MATERIALS AND METHODS

Study design and setting.

This case-control study was conducted at two hospitals in the University of Pennsylvania Health System (UPHS) in Philadelphia: the Hospital of the University of Pennsylvania (HUP), a 725-bed academic tertiary care medical center, and Penn Presbyterian Medical Center (PPMC), a 344-bed urban community hospital. The study was approved by the institutional review board of the University of Pennsylvania.

Study population.

All adult inpatients and outpatients with clinical cultures positive for E. coli during the study period from 1 January 2007 to 31 December 2008 were identified through the HUP clinical microbiology laboratory, which processes all specimens obtained from patients at HUP and PPMC. Subsequently, patients with clinical cultures with E. coli resistant to ceftriaxone or ceftazidime were eligible for inclusion in the study. Each patient was included only once, using the first clinical culture with E. coli meeting the above criteria identified during the study period.

Microbiological identification and susceptibility testing.

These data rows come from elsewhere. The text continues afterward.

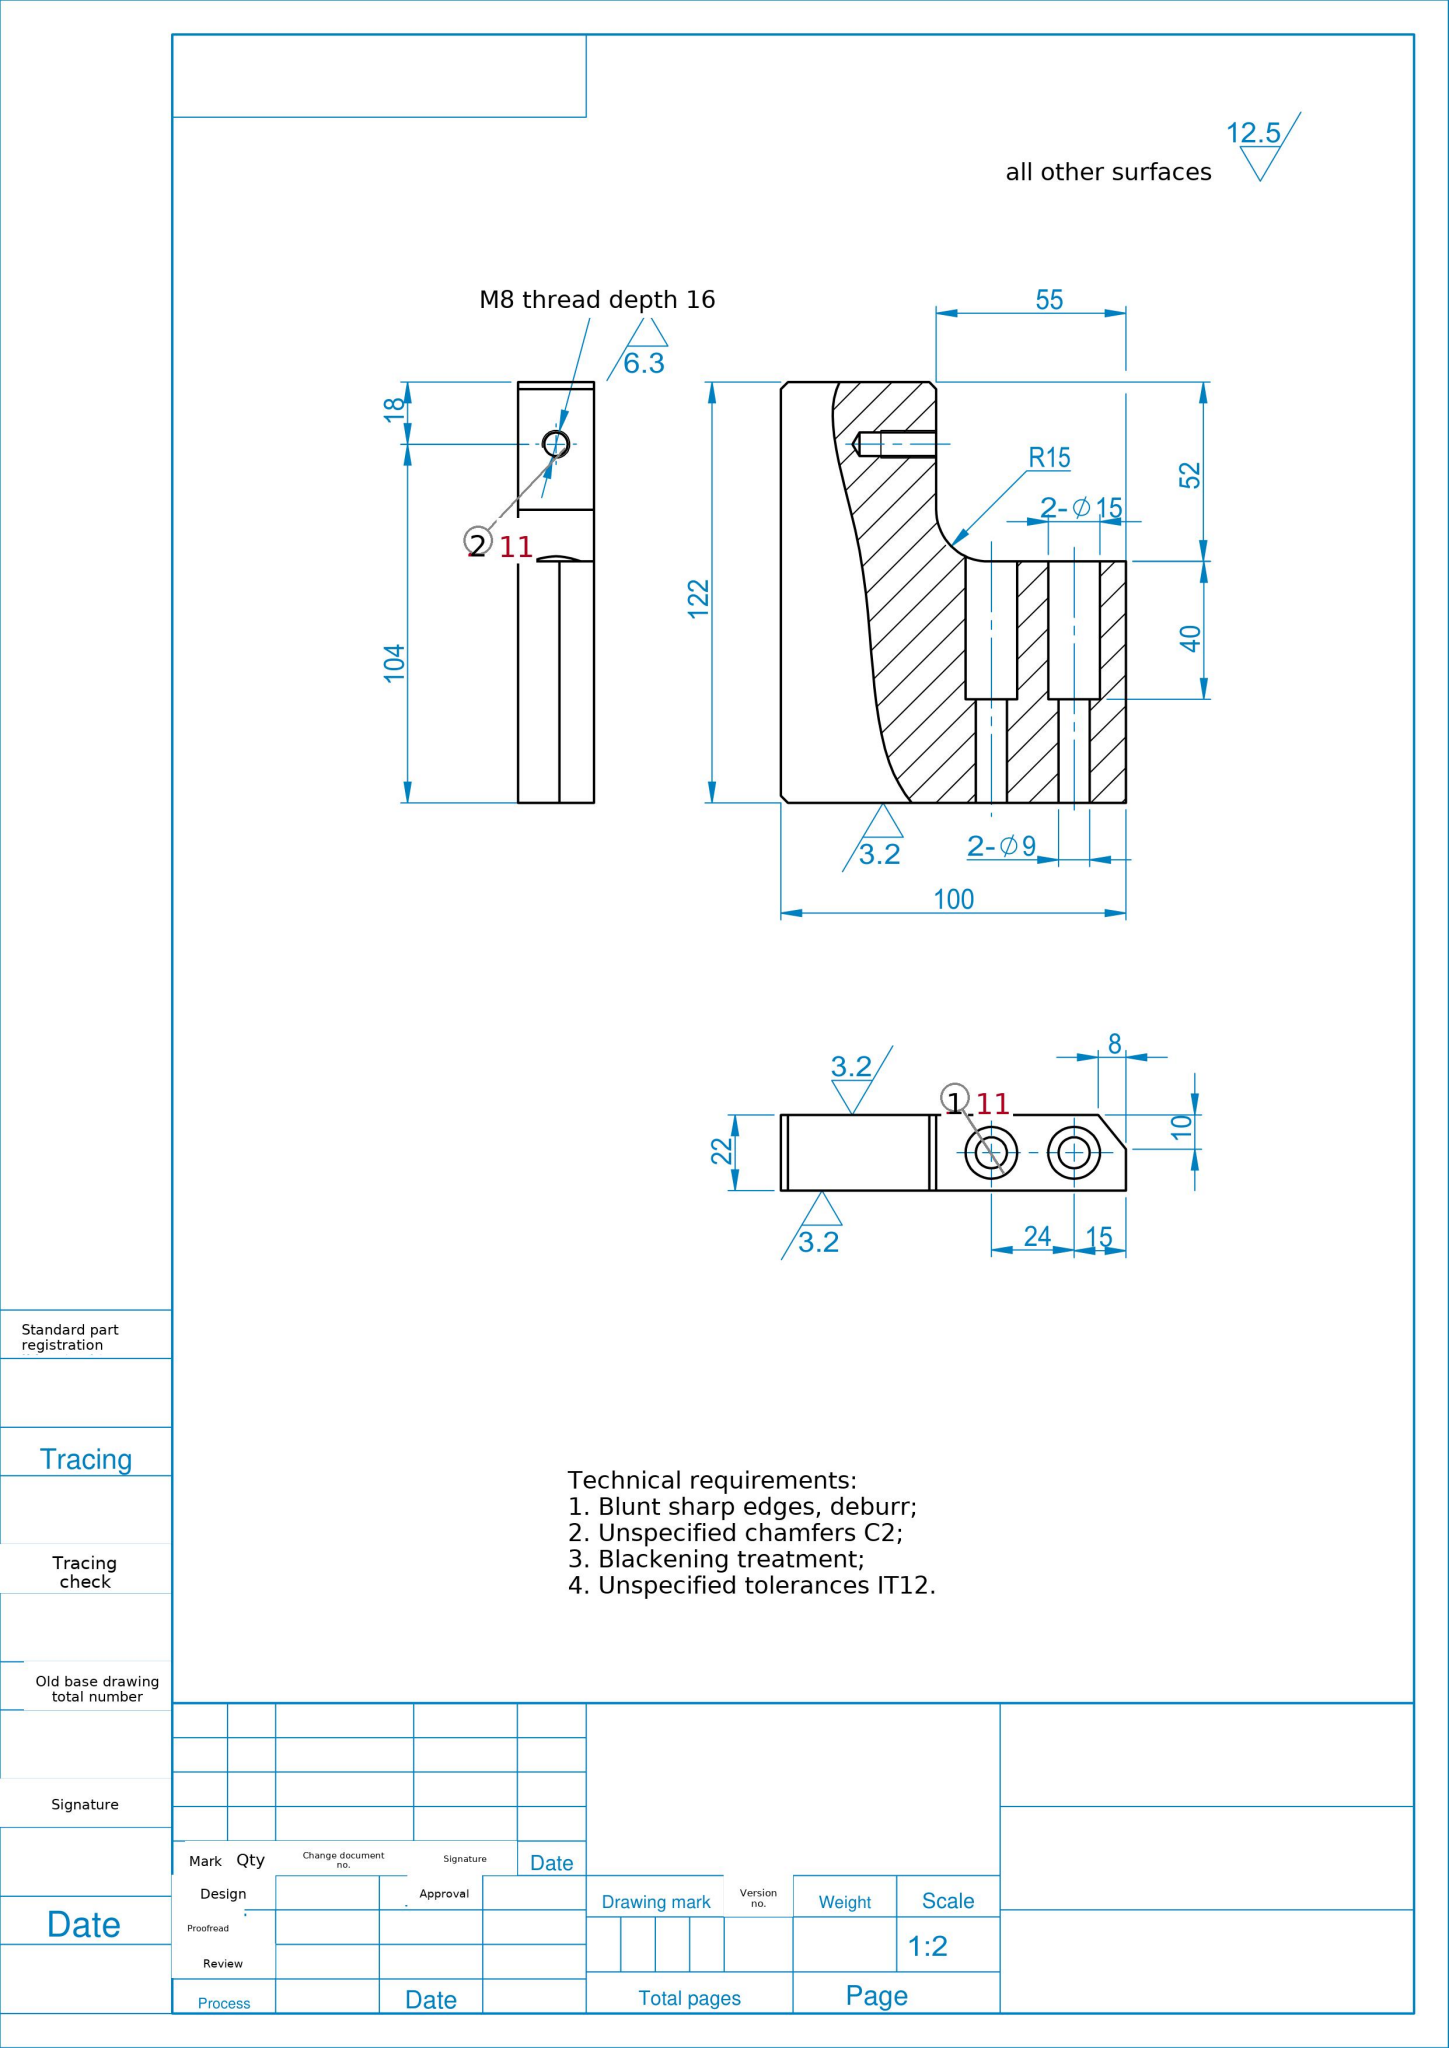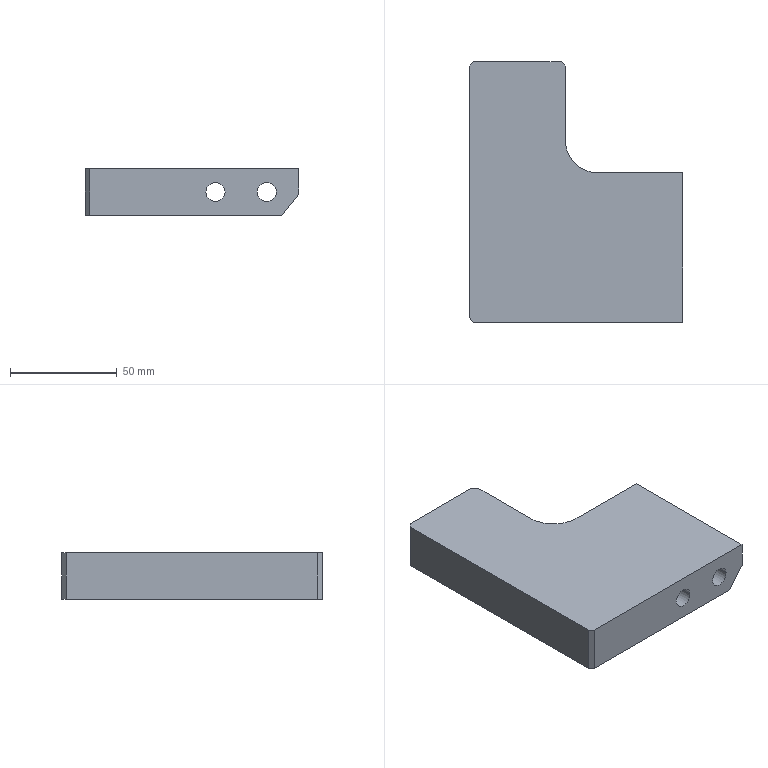Part | SolidWorks | mm | 1 solid | 27 faces | box 100 x 122 x 22 mm | volume 184797 mm3 | plane 14 | cylinder 11 | cone 2 | commonest cylinder face diameters 15 x4 9 x4 6.8 x2 30 x1
STEP:
#1=CARTESIAN_POINT('',(22.75,104.,14.4));
#2=VERTEX_POINT('',#1);
#3=CARTESIAN_POINT('',(22.75,104.,7.6));
#4=VERTEX_POINT('',#3);
#5=CARTESIAN_POINT('',(22.75,104.,11.));
#6=DIRECTION('',(1.,0.,0.));
#7=DIRECTION('',(0.,0.,-1.));
#8=AXIS2_PLACEMENT_3D('',#5,#6,#7);
#9=CIRCLE('',#8,3.4);
#10=EDGE_CURVE('',#2,#4,#9,.T.);
#11=ORIENTED_EDGE('',*,*,#10,.F.);
#12=CARTESIAN_POINT('',(45.,104.,14.4));
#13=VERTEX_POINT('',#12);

Standard susceptibility testing of E. coli was performed and interpreted according to standard methods (8, 9) using the Vitek2 semiautomated system or disk diffusion testing. Confirmatory ESBL testing was performed using the double-disk synergy test for nonurinary isolates, as well as for urinary isolates that exhibited a ceftazidime or ceftriaxone MIC that was >1 μg/ml but <64 μg/ml. Urinary isolates with a ceftazidime or ceftriaxone MIC of ≥64 μg/ml, as well as those with carbapenem resistance as determined by a positive modified Hodge test (9), did not have double-disk testing performed as these were assumed to be ESBL-producers. Finally, the presence of the bla_CTX-M gene was detected by PCR as previously reported (31). Therefore, cases and controls were defined solely on the basis of CTX-M production, with case patients designated as those with cultures positive for CTX-M-positive E. coli, and control patients designated as those who had non-CTX-M-producing, extended-spectrum cephalosporin-resistant E. coli isolated. A previous study of the CTX-M-positive E. coli isolated in 2007 showed that the isolates were not clonal based on pulsed-field gel electrophoresis analysis and that multiple CTX-M types were represented (25).

Data collection.

Data were abstracted from the Pennsylvania Integrated Clinical and Administrative Research Database (PICARD), which includes demographic, laboratory, pharmacy, and billing information and has been used successfully in prior studies of antibiotic utilization and resistance (2, 12, 21). The following data were collected for all subjects: baseline demographics, inpatient or outpatient status in relation to the culture date, origin at the time of hospital admission for inpatients (i.e., physician referral, transfer from another facility, or admission through the Emergency Department), hospital location at the time of infection (i.e., intensive care unit or medical floor), prior admission to UPHS in the 30 days prior to the culture date, time of onset of nosocomial infection (date of the first positive culture ≥48 h from the date of admission), health care-associated infection (date of the first positive culture ≥48 h from the date of admission or admission as a transfer from another institution), and culture site (i.e., blood, urine, respiratory tract, or wound). The presence of the following comorbid conditions was documented in relation to the culture date: diabetes mellitus, malignancy, renal insufficiency (creatinine of ≥2.0 mg/dl or the requirement of dialysis), chronic liver disease (i.e., cirrhosis or chronic hepatitis), chronic pulmonary disease (i.e., chronic obstructive pulmonary disease, asthma, or interstitial lung disease), congestive heart failure, solid organ or hematopoietic stem cell transplantation, HIV infection, neutropenia (absolute neutrophil count < 500/mm³), and receipt of an immunosuppressive agent, including corticosteroids, in the prior 30 days. In addition, the Charlson comorbidity index was calculated for each subject (34). Furthermore, chart review was performed to collect data on the presence of indwelling devices, including central venous catheters, urinary catheterization, and mechanical ventilation prior to the culture date.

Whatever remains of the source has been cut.